In total, 24 residents from 7 surgical specialties completed both the pretest and posttest, as well as took part in the creation of a VP curriculum. Of those 24 residents, only 19 residents completed the cases created by their peers, with 7 completing greater than 50% of the cases and 12 completing less than 50%. In all 17 residents responded to the online questionnaire and 11 residents participated in the focus group.

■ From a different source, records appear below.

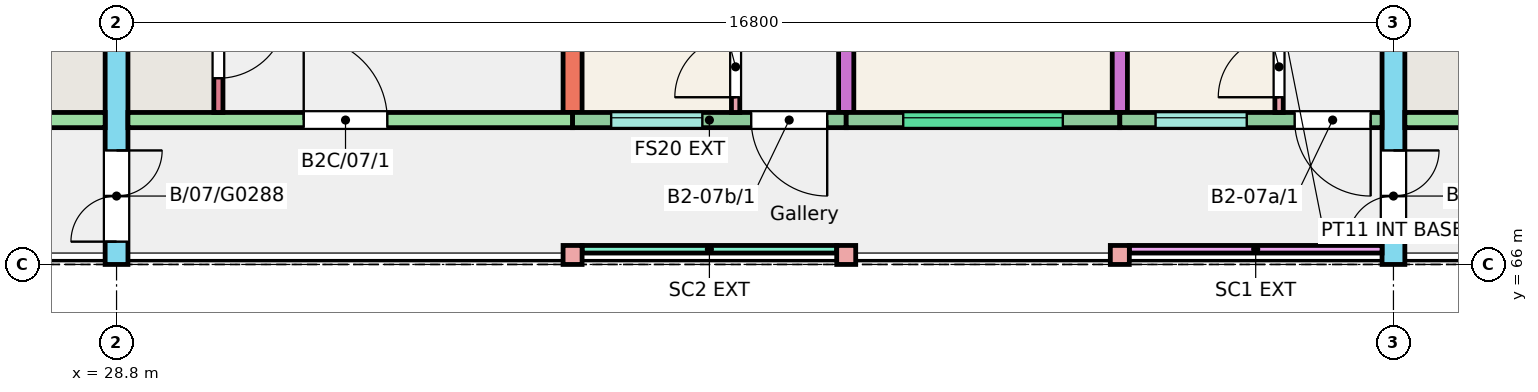
"""IFC4 building model, lengths in metres.
Left out: names, types, materials, properties, quantities, classifications, styles, units other than length and angle.
Written with IfcOpenShell. Run it as: python <this file> out.ifc"""

import sys

from ifc_helpers import new_model, si_unit, direction, frame, frame_2d, origin, origin_2d, place, context, subcontext, project, spatial, rectangle, extrude, element, fill, save


model = new_model("IFC4")
c1 = context("Model", 3, precision=1e-05, world=origin(), true_north=direction((0.0, 1.0)))
c2 = subcontext(c1, "Body", "Model", "MODEL_VIEW")
j1 = project(units=[si_unit("LENGTHUNIT", "METRE"), si_unit("PLANEANGLEUNIT", "RADIAN")], contexts=[c1])
p1 = place(None, origin())
s1 = spatial("IfcSite", under=j1, at=p1, CompositionType="ELEMENT")
p2 = place(p1, origin())
s2 = spatial("IfcBuilding", under=s1, at=p2, CompositionType="ELEMENT")
p3 = place(p2, frame((0.0, 0.0, 21.0)))
s3 = spatial("IfcBuildingStorey", under=s2, at=p3, CompositionType="ELEMENT", Elevation=21.0)
p4 = place(p3, frame((28.8, 66.0, 0.0), z_axis=(0.0, 0.0, 1.0), x_axis=(0.0, 1.0, 0.0)))
e1 = element("IfcWall", 1, at=p4, inside=s3, PredefinedType="SHEAR", context=c2, shape_type="SweptSolid", body=[
    extrude(rectangle(XDim=11.0, YDim=0.3, at=frame_2d((5.5, 0.0))), origin(), (0.0, 0.0, 1.0), 3.0),
])
p5 = place(p4, frame((0.3, 0.0, 0.0)))
e2 = element("IfcOpeningElement", 2, at=p5, cuts=e1, PredefinedType="OPENING", context=c2, shape_type="SweptSolid", body=[
    extrude(rectangle(XDim=1.2, YDim=2.1, at=frame_2d((0.6, 1.05))), frame((0.0, 0.16, 0.0), z_axis=(0.0, -1.0, 0.0), x_axis=(1.0, 0.0, 0.0)), (0.0, 0.0, 1.0), 0.32),
])
p6 = place(p3, frame((34.8, 68.0, 0.0), z_axis=(0.0, 0.0, 1.0), x_axis=(0.0, 1.0, 0.0)))
e3 = element("IfcWall", 3, at=p6, inside=s3, PredefinedType="SHEAR", context=c2, shape_type="SweptSolid", body=[
    extrude(rectangle(XDim=9.0, YDim=0.25, at=frame_2d((4.5, 0.0))), origin(), (0.0, 0.0, 1.0), 3.0),
])
p7 = place(p3, frame((38.4, 68.0, 0.0), z_axis=(0.0, 0.0, 1.0), x_axis=(0.0, 1.0, 0.0)))
e4 = element("IfcWall", 4, at=p7, inside=s3, PredefinedType="SHEAR", context=c2, shape_type="SweptSolid", body=[
    extrude(rectangle(XDim=9.0, YDim=0.2, at=frame_2d((4.5, 0.0))), origin(), (0.0, 0.0, 1.0), 3.0),
])
p8 = place(p7, frame((2.4, 0.0, 0.0)))
e5 = element("IfcOpeningElement", 5, at=p8, cuts=e4, PredefinedType="OPENING", context=c2, shape_type="SweptSolid", body=[
    extrude(rectangle(XDim=1.2, YDim=2.1, at=frame_2d((0.6, 1.05))), frame((0.0, 0.11, 0.0), z_axis=(0.0, -1.0, 0.0), x_axis=(1.0, 0.0, 0.0)), (0.0, 0.0, 1.0), 0.22),
])
p9 = place(p7, frame((6.4, 0.0, 0.0)))
e6 = element("IfcOpeningElement", 6, at=p9, cuts=e4, PredefinedType="OPENING", context=c2, shape_type="SweptSolid", body=[
    extrude(rectangle(XDim=1.2, YDim=2.1, at=frame_2d((0.6, 1.05))), frame((0.0, 0.11, 0.0), z_axis=(0.0, -1.0, 0.0), x_axis=(1.0, 0.0, 0.0)), (0.0, 0.0, 1.0), 0.22),
])
p10 = place(p3, frame((42.0, 68.0, 0.0), z_axis=(0.0, 0.0, 1.0), x_axis=(0.0, 1.0, 0.0)))
e7 = element("IfcWall", 7, at=p10, inside=s3, PredefinedType="SHEAR", context=c2, shape_type="SweptSolid", body=[
    extrude(rectangle(XDim=9.0, YDim=0.2, at=frame_2d((4.5, 0.0))), origin(), (0.0, 0.0, 1.0), 3.0),
])
p11 = place(p3, frame((45.6, 66.0, 0.0), z_axis=(0.0, 0.0, 1.0), x_axis=(0.0, 1.0, 0.0)))
e8 = element("IfcWall", 8, at=p11, inside=s3, PredefinedType="SHEAR", context=c2, shape_type="SweptSolid", body=[
    extrude(rectangle(XDim=11.0, YDim=0.3, at=frame_2d((5.5, 0.0))), origin(), (0.0, 0.0, 1.0), 3.0),
])
p12 = place(p11, frame((0.3, 0.0, 0.0)))
e9 = element("IfcOpeningElement", 9, at=p12, cuts=e8, PredefinedType="OPENING", context=c2, shape_type="SweptSolid", body=[
    extrude(rectangle(XDim=1.2, YDim=2.1, at=frame_2d((0.6, 1.05))), frame((0.0, 0.16, 0.0), z_axis=(0.0, -1.0, 0.0), x_axis=(1.0, 0.0, 0.0)), (0.0, 0.0, 1.0), 0.32),
])
p13 = place(p3, frame((22.8, 67.9, 0.0), z_axis=(0.0, 0.0, 1.0), x_axis=(1.0, 0.0, 0.0)))
e10 = element("IfcWall", 10, at=p13, inside=s3, PredefinedType="SHEAR", context=c2, shape_type="SweptSolid", body=[
    extrude(rectangle(XDim=5.85, YDim=0.2, at=frame_2d((2.925, 0.0))), origin(), (0.0, 0.0, 1.0), 3.0),
])
p14 = place(p13, frame((2.438, 0.0, 0.0)))
e11 = element("IfcOpeningElement", 11, at=p14, cuts=e10, PredefinedType="OPENING", context=c2, shape_type="SweptSolid", body=[
    extrude(rectangle(XDim=1.1, YDim=2.1, at=frame_2d((0.55, 1.05))), frame((0.0, 0.11, 0.0), z_axis=(0.0, -1.0, 0.0), x_axis=(1.0, 0.0, 0.0)), (0.0, 0.0, 1.0), 0.22),
])
p15 = place(p3, frame((28.95, 67.9, 0.0), z_axis=(0.0, 0.0, 1.0), x_axis=(1.0, 0.0, 0.0)))
e12 = element("IfcWall", 12, at=p15, inside=s3, PredefinedType="SHEAR", context=c2, shape_type="SweptSolid", body=[
    extrude(rectangle(XDim=5.85, YDim=0.2, at=frame_2d((2.925, 0.0))), origin(), (0.0, 0.0, 1.0), 3.0),
])
p16 = place(p15, frame((2.312, 0.0, 0.0)))
e13 = element("IfcOpeningElement", 13, at=p16, cuts=e12, PredefinedType="OPENING", context=c2, shape_type="SweptSolid", body=[
    extrude(rectangle(XDim=1.1, YDim=2.1, at=frame_2d((0.55, 1.05))), frame((0.0, 0.11, 0.0), z_axis=(0.0, -1.0, 0.0), x_axis=(1.0, 0.0, 0.0)), (0.0, 0.0, 1.0), 0.22),
])
p17 = place(p3, frame((30.14, 68.0, 0.0), z_axis=(0.0, 0.0, 1.0), x_axis=(0.0, 1.0, 0.0)))
e14 = element("IfcWall", 14, at=p17, inside=s3, PredefinedType="SHEAR", context=c2, shape_type="SweptSolid", body=[
    extrude(rectangle(XDim=1.72, YDim=0.12, at=frame_2d((0.86, 0.0))), origin(), (0.0, 0.0, 1.0), 3.0),
])
p18 = place(p17, frame((0.45, 0.0, 0.0)))
e15 = element("IfcOpeningElement", 15, at=p18, cuts=e14, PredefinedType="OPENING", context=c2, shape_type="SweptSolid", body=[
    extrude(rectangle(XDim=0.9, YDim=2.1, at=frame_2d((0.45, 1.05))), frame((0.0, 0.07, 0.0), z_axis=(0.0, -1.0, 0.0), x_axis=(1.0, 0.0, 0.0)), (0.0, 0.0, 1.0), 0.14),
])
p19 = place(p3, frame((34.8, 67.9, 0.0), z_axis=(0.0, 0.0, 1.0), x_axis=(1.0, 0.0, 0.0)))
e16 = element("IfcWall", 16, at=p19, inside=s3, PredefinedType="SOLIDWALL", context=c2, shape_type="SweptSolid", body=[
    extrude(rectangle(XDim=3.6, YDim=0.2, at=frame_2d((1.8, 0.0))), origin(), (0.0, 0.0, 1.0), 3.0),
])
p20 = place(p19, frame((0.508, 0.0, 1.1)))
e17 = element("IfcOpeningElement", 17, at=p20, cuts=e16, PredefinedType="OPENING", context=c2, shape_type="SweptSolid", body=[
    extrude(rectangle(XDim=1.2, YDim=1.3, at=frame_2d((0.6, 0.65))), frame((0.0, 0.11, 0.0), z_axis=(0.0, -1.0, 0.0), x_axis=(1.0, 0.0, 0.0)), (0.0, 0.0, 1.0), 0.22),
])
p21 = place(p19, frame((2.35, 0.0, 0.0)))
e18 = element("IfcOpeningElement", 18, at=p21, cuts=e16, PredefinedType="OPENING", context=c2, shape_type="SweptSolid", body=[
    extrude(rectangle(XDim=1.0, YDim=2.1, at=frame_2d((0.5, 1.05))), frame((0.0, 0.11, 0.0), z_axis=(0.0, -1.0, 0.0), x_axis=(1.0, 0.0, 0.0)), (0.0, 0.0, 1.0), 0.22),
])
p22 = place(p3, frame((38.4, 67.9, 0.0), z_axis=(0.0, 0.0, 1.0), x_axis=(1.0, 0.0, 0.0)))
e19 = element("IfcWall", 19, at=p22, inside=s3, PredefinedType="SOLIDWALL", context=c2, shape_type="SweptSolid", body=[
    extrude(rectangle(XDim=3.6, YDim=0.2, at=frame_2d((1.8, 0.0))), origin(), (0.0, 0.0, 1.0), 3.0),
])
p23 = place(p22, frame((0.75, 0.0, 1.2)))
e20 = element("IfcOpeningElement", 20, at=p23, cuts=e19, PredefinedType="OPENING", context=c2, shape_type="SweptSolid", body=[
    extrude(rectangle(XDim=2.1, YDim=1.2, at=frame_2d((1.05, 0.6))), frame((0.0, 0.11, 0.0), z_axis=(0.0, -1.0, 0.0), x_axis=(1.0, 0.0, 0.0)), (0.0, 0.0, 1.0), 0.22),
])
p24 = place(p3, frame((42.0, 67.9, 0.0), z_axis=(0.0, 0.0, 1.0), x_axis=(1.0, 0.0, 0.0)))
e21 = element("IfcWall", 21, at=p24, inside=s3, PredefinedType="SOLIDWALL", context=c2, shape_type="SweptSolid", body=[
    extrude(rectangle(XDim=3.45, YDim=0.2, at=frame_2d((1.725, 0.0))), origin(), (0.0, 0.0, 1.0), 3.0),
])
p25 = place(p24, frame((0.47, 0.0, 1.1)))
e22 = element("IfcOpeningElement", 22, at=p25, cuts=e21, PredefinedType="OPENING", context=c2, shape_type="SweptSolid", body=[
    extrude(rectangle(XDim=1.2, YDim=1.3, at=frame_2d((0.6, 0.65))), frame((0.0, 0.11, 0.0), z_axis=(0.0, -1.0, 0.0), x_axis=(1.0, 0.0, 0.0)), (0.0, 0.0, 1.0), 0.22),
])
p26 = place(p24, frame((2.3, 0.0, 0.0)))
e23 = element("IfcOpeningElement", 23, at=p26, cuts=e21, PredefinedType="OPENING", context=c2, shape_type="SweptSolid", body=[
    extrude(rectangle(XDim=1.0, YDim=2.1, at=frame_2d((0.5, 1.05))), frame((0.0, 0.11, 0.0), z_axis=(0.0, -1.0, 0.0), x_axis=(1.0, 0.0, 0.0)), (0.0, 0.0, 1.0), 0.22),
])
p27 = place(p3, frame((45.75, 67.9, 0.0), z_axis=(0.0, 0.0, 1.0), x_axis=(1.0, 0.0, 0.0)))
e24 = element("IfcWall", 24, at=p27, inside=s3, PredefinedType="SHEAR", context=c2, shape_type="SweptSolid", body=[
    extrude(rectangle(XDim=5.85, YDim=0.2, at=frame_2d((2.925, 0.0))), origin(), (0.0, 0.0, 1.0), 3.0),
])
p28 = place(p27, frame((2.312, 0.0, 0.0)))
e25 = element("IfcOpeningElement", 25, at=p28, cuts=e24, PredefinedType="OPENING", context=c2, shape_type="SweptSolid", body=[
    extrude(rectangle(XDim=1.1, YDim=2.1, at=frame_2d((0.55, 1.05))), frame((0.0, 0.11, 0.0), z_axis=(0.0, -1.0, 0.0), x_axis=(1.0, 0.0, 0.0)), (0.0, 0.0, 1.0), 0.22),
])
for number, where, z_axis, x_axis in (
    (26, (34.8, 66.125, 0.0), (0.0, 0.0, 1.0), (1.0, 0.0, 0.0)),
    (27, (38.4, 66.125, 0.0), (0.0, 0.0, 1.0), (1.0, 0.0, 0.0)),
    (28, (42.0, 66.125, 0.0), (0.0, 0.0, 1.0), (1.0, 0.0, 0.0)),
):
    element("IfcColumn", number, at=place(p3, frame(where, z_axis=z_axis, x_axis=x_axis)), inside=s3, PredefinedType="COLUMN", context=c2, shape_type="SweptSolid", body=[
        extrude(rectangle(XDim=0.25, YDim=0.25, at=origin_2d()), origin(), (0.0, 0.0, 1.0), 3.0),
    ])
p29 = place(p3, frame((34.925, 66.2, 0.0), z_axis=(0.0, 0.0, 1.0), x_axis=(1.0, 0.0, 0.0)))
e29 = element("IfcWall", 29, at=p29, inside=s3, PredefinedType="SOLIDWALL", context=c2, shape_type="SweptSolid", body=[
    extrude(rectangle(XDim=3.35, YDim=0.1, at=frame_2d((1.675, 0.0))), origin(), (0.0, 0.0, 1.0), 2.45),
])
p30 = place(p3, frame((42.125, 66.2, 0.0), z_axis=(0.0, 0.0, 1.0), x_axis=(1.0, 0.0, 0.0)))
e30 = element("IfcWall", 30, at=p30, inside=s3, PredefinedType="SOLIDWALL", context=c2, shape_type="SweptSolid", body=[
    extrude(rectangle(XDim=3.325, YDim=0.1, at=frame_2d((1.663, 0.0))), origin(), (0.0, 0.0, 1.0), 2.45),
])
p31 = place(p3, frame((44.095, 68.0, 0.0), z_axis=(0.0, 0.0, 1.0), x_axis=(0.0, 1.0, 0.0)))
e31 = element("IfcWall", 31, at=p31, inside=s3, PredefinedType="PARTITIONING", context=c2, shape_type="SweptSolid", body=[
    extrude(rectangle(XDim=4.7, YDim=0.11, at=frame_2d((2.35, 0.0))), origin(), (0.0, 0.0, 1.0), 2.75),
])
p32 = place(p31, frame((0.2, 0.0, 0.0)))
e32 = element("IfcOpeningElement", 32, at=p32, cuts=e31, PredefinedType="OPENING", context=c2, shape_type="SweptSolid", body=[
    extrude(rectangle(XDim=0.8, YDim=2.1, at=frame_2d((0.4, 1.05))), frame((0.0, 0.065, 0.0), z_axis=(0.0, -1.0, 0.0), x_axis=(1.0, 0.0, 0.0)), (0.0, 0.0, 1.0), 0.13),
])
p33 = place(p31, frame((3.75, 0.0, 0.0)))
e33 = element("IfcOpeningElement", 33, at=p33, cuts=e31, PredefinedType="OPENING", context=c2, shape_type="SweptSolid", body=[
    extrude(rectangle(XDim=0.8, YDim=2.1, at=frame_2d((0.4, 1.05))), frame((0.0, 0.065, 0.0), z_axis=(0.0, -1.0, 0.0), x_axis=(1.0, 0.0, 0.0)), (0.0, 0.0, 1.0), 0.13),
])
p34 = place(p3, frame((36.945, 68.0, 0.0), z_axis=(0.0, 0.0, 1.0), x_axis=(0.0, 1.0, 0.0)))
e34 = element("IfcWall", 34, at=p34, inside=s3, PredefinedType="PARTITIONING", context=c2, shape_type="SweptSolid", body=[
    extrude(rectangle(XDim=4.7, YDim=0.11, at=frame_2d((2.35, 0.0))), origin(), (0.0, 0.0, 1.0), 2.8),
])
p35 = place(p34, frame((0.2, 0.0, 0.0)))
e35 = element("IfcOpeningElement", 35, at=p35, cuts=e34, PredefinedType="OPENING", context=c2, shape_type="SweptSolid", body=[
    extrude(rectangle(XDim=0.8, YDim=2.1, at=frame_2d((0.4, 1.05))), frame((0.0, 0.065, 0.0), z_axis=(0.0, -1.0, 0.0), x_axis=(1.0, 0.0, 0.0)), (0.0, 0.0, 1.0), 0.13),
])
p36 = place(p34, frame((3.75, 0.0, 0.0)))
e36 = element("IfcOpeningElement", 36, at=p36, cuts=e34, PredefinedType="OPENING", context=c2, shape_type="SweptSolid", body=[
    extrude(rectangle(XDim=0.8, YDim=2.1, at=frame_2d((0.4, 1.05))), frame((0.0, 0.065, 0.0), z_axis=(0.0, -1.0, 0.0), x_axis=(1.0, 0.0, 0.0)), (0.0, 0.0, 1.0), 0.13),
])
p37 = place(p25, origin())
e37 = element("IfcWindow", 37, at=p37, inside=s3, PartitioningType="SINGLE_PANEL", PredefinedType="WINDOW", context=c2, shape_type="SweptSolid", body=[
    extrude(rectangle(XDim=1.2, YDim=1.3, at=frame_2d((0.6, 0.65))), frame((0.0, 0.06, 0.0), z_axis=(0.0, -1.0, 0.0), x_axis=(1.0, 0.0, 0.0)), (0.0, 0.0, 1.0), 0.06),
])
fill(e22, e37)
p38 = place(p23, origin())
e38 = element("IfcWindow", 38, at=p38, inside=s3, PartitioningType="SINGLE_PANEL", PredefinedType="WINDOW", context=c2, shape_type="SweptSolid", body=[
    extrude(rectangle(XDim=2.1, YDim=1.2, at=frame_2d((1.05, 0.6))), frame((0.0, 0.06, 0.0), z_axis=(0.0, -1.0, 0.0), x_axis=(1.0, 0.0, 0.0)), (0.0, 0.0, 1.0), 0.06),
])
fill(e20, e38)
p39 = place(p20, origin())
e39 = element("IfcWindow", 39, at=p39, inside=s3, PartitioningType="SINGLE_PANEL", PredefinedType="WINDOW", context=c2, shape_type="SweptSolid", body=[
    extrude(rectangle(XDim=1.2, YDim=1.3, at=frame_2d((0.6, 0.65))), frame((0.0, 0.06, 0.0), z_axis=(0.0, -1.0, 0.0), x_axis=(1.0, 0.0, 0.0)), (0.0, 0.0, 1.0), 0.06),
])
fill(e17, e39)
p40 = place(p26, origin())
e40 = element("IfcDoor", 40, at=p40, inside=s3, OperationType="SINGLE_SWING_RIGHT", PredefinedType="DOOR", context=c2, shape_type="SweptSolid", body=[
    extrude(rectangle(XDim=1.0, YDim=2.1, at=frame_2d((0.5, 1.05))), frame((0.0, 0.025, 0.0), z_axis=(0.0, -1.0, 0.0), x_axis=(1.0, 0.0, 0.0)), (0.0, 0.0, 1.0), 0.05),
])
fill(e23, e40)
p41 = place(p32, origin())
e41 = element("IfcDoor", 41, at=p41, inside=s3, OperationType="SINGLE_SWING_LEFT", PredefinedType="DOOR", context=c2, shape_type="SweptSolid", body=[
    extrude(rectangle(XDim=0.8, YDim=2.1, at=frame_2d((0.4, 1.05))), frame((0.0, 0.025, 0.0), z_axis=(0.0, -1.0, 0.0), x_axis=(1.0, 0.0, 0.0)), (0.0, 0.0, 1.0), 0.05),
])
fill(e32, e41)
p42 = place(p21, origin())
e42 = element("IfcDoor", 42, at=p42, inside=s3, OperationType="SINGLE_SWING_RIGHT", PredefinedType="DOOR", context=c2, shape_type="SweptSolid", body=[
    extrude(rectangle(XDim=1.0, YDim=2.1, at=frame_2d((0.5, 1.05))), frame((0.0, 0.025, 0.0), z_axis=(0.0, -1.0, 0.0), x_axis=(1.0, 0.0, 0.0)), (0.0, 0.0, 1.0), 0.05),
])
fill(e18, e42)
p43 = place(p35, origin())
e43 = element("IfcDoor", 43, at=p43, inside=s3, OperationType="SINGLE_SWING_LEFT", PredefinedType="DOOR", context=c2, shape_type="SweptSolid", body=[
    extrude(rectangle(XDim=0.8, YDim=2.1, at=frame_2d((0.4, 1.05))), frame((0.0, 0.025, 0.0), z_axis=(0.0, -1.0, 0.0), x_axis=(1.0, 0.0, 0.0)), (0.0, 0.0, 1.0), 0.05),
])
fill(e35, e43)
p44 = place(p16, origin())
e44 = element("IfcDoor", 44, at=p44, inside=s3, OperationType="SINGLE_SWING_LEFT", PredefinedType="DOOR", context=c2, shape_type="SweptSolid", body=[
    extrude(rectangle(XDim=1.1, YDim=2.1, at=frame_2d((0.55, 1.05))), frame((0.0, 0.025, 0.0), z_axis=(0.0, -1.0, 0.0), x_axis=(1.0, 0.0, 0.0)), (0.0, 0.0, 1.0), 0.05),
])
fill(e13, e44)
p45 = place(p18, origin())
e45 = element("IfcDoor", 45, at=p45, inside=s3, OperationType="SINGLE_SWING_RIGHT", PredefinedType="DOOR", context=c2, shape_type="SweptSolid", body=[
    extrude(rectangle(XDim=0.9, YDim=2.1, at=frame_2d((0.45, 1.05))), frame((0.0, 0.025, 0.0), z_axis=(0.0, -1.0, 0.0), x_axis=(1.0, 0.0, 0.0)), (0.0, 0.0, 1.0), 0.05),
])
fill(e15, e45)
p46 = place(p5, origin())
e46 = element("IfcDoor", 46, at=p46, inside=s3, OperationType="DOUBLE_DOOR_SINGLE_SWING", PredefinedType="DOOR", context=c2, shape_type="SweptSolid", body=[
    extrude(rectangle(XDim=1.2, YDim=2.1, at=frame_2d((0.6, 1.05))), frame((0.0, 0.025, 0.0), z_axis=(0.0, -1.0, 0.0), x_axis=(1.0, 0.0, 0.0)), (0.0, 0.0, 1.0), 0.05),
])
fill(e2, e46)
p47 = place(p12, origin())
e47 = element("IfcDoor", 47, at=p47, inside=s3, OperationType="DOUBLE_DOOR_SINGLE_SWING", PredefinedType="DOOR", context=c2, shape_type="SweptSolid", body=[
    extrude(rectangle(XDim=1.2, YDim=2.1, at=frame_2d((0.6, 1.05))), frame((0.0, 0.025, 0.0), z_axis=(0.0, -1.0, 0.0), x_axis=(1.0, 0.0, 0.0)), (0.0, 0.0, 1.0), 0.05),
])
fill(e9, e47)
save(model, sys.argv[1])

The VP curriculum failed to improve scores from pretest (59.6%, standard deviation = 8.1) to posttest (55.4%, standard deviation = 6.6; p = 0.01) on the simulated in-training examination. Nonetheless, survey results demonstrated that most residents felt that creating a VP case (89%) and completing cases created by their peers (71%) had educational value. Overall, 71% preferred active participation in a curriculum to traditional didactic teaching. The focus group identified time-related constraints, concern about the quality of the peer-created cases, and questioning of the relationship between the curriculum and the Surgical Foundations examination as barriers to the success of the curriculum.
Despite the fact that a learner-created VP curriculum did not improve scores on a mock in training examination, residents viewed this intervention as a valuable educational experience. Although there were barriers to the implementation of a learner-created curriculum, it is nonetheless important to try and integrate pedagogical concepts into the instructional design of curricula for surgical residents.
确定由学习者创建的虚拟患者(VP)课程对于二年级外科住院医师的可行性和有效性。
我们采用社会建构主义学习模型,设计了一个由学习者创建的VP课程,以帮助二年级住院医师为其在职外科考试做准备。每位住院医师被分配根据此次考试的学习目标创建一个VP课程,然后将VP病例分发给所有住院医师以完成学习。为了衡量该课程的学习效果,参与者在干预开始时和结束时都完成了2次模拟在职考试。研究参与者还参加了一个焦点小组,并完成了一份关于该课程感知学习价值的在线问卷。
该研究在加拿大蒙特利尔的一家三级护理医院麦吉尔大学健康中心进行。
来自7个外科专业的24名住院医师完成了前测和后测,并参与了VP课程的创建。在这24名住院医师中,只有19名完成了同行创建的病例,其中7名完成了超过50%的病例,12名完成的病例少于50%。共有17名住院医师回复了在线问卷,11名住院医师参加了焦点小组。
在模拟在职考试中,VP课程未能将前测成绩(59.6%,标准差=8.1)提高到后测成绩(55.4%,标准差=6.6;p=0.01)。尽管如此,调查结果表明,大多数住院医师认为创建一个VP病例(89%)和完成同行创建的病例(71%)具有教育价值。总体而言,71%的人更喜欢积极参与课程,而不是传统的讲授式教学。焦点小组指出,与时间相关的限制、对同行创建病例质量的担忧以及对课程与外科基础考试之间关系的质疑是该课程成功实施的障碍。
尽管由学习者创建的VP课程并未提高模拟在职考试的成绩,但住院医师认为这种干预是一次有价值的教育经历。虽然实施由学习者创建的课程存在障碍,但尝试将教学理念融入外科住院医师课程的教学设计中仍然很重要。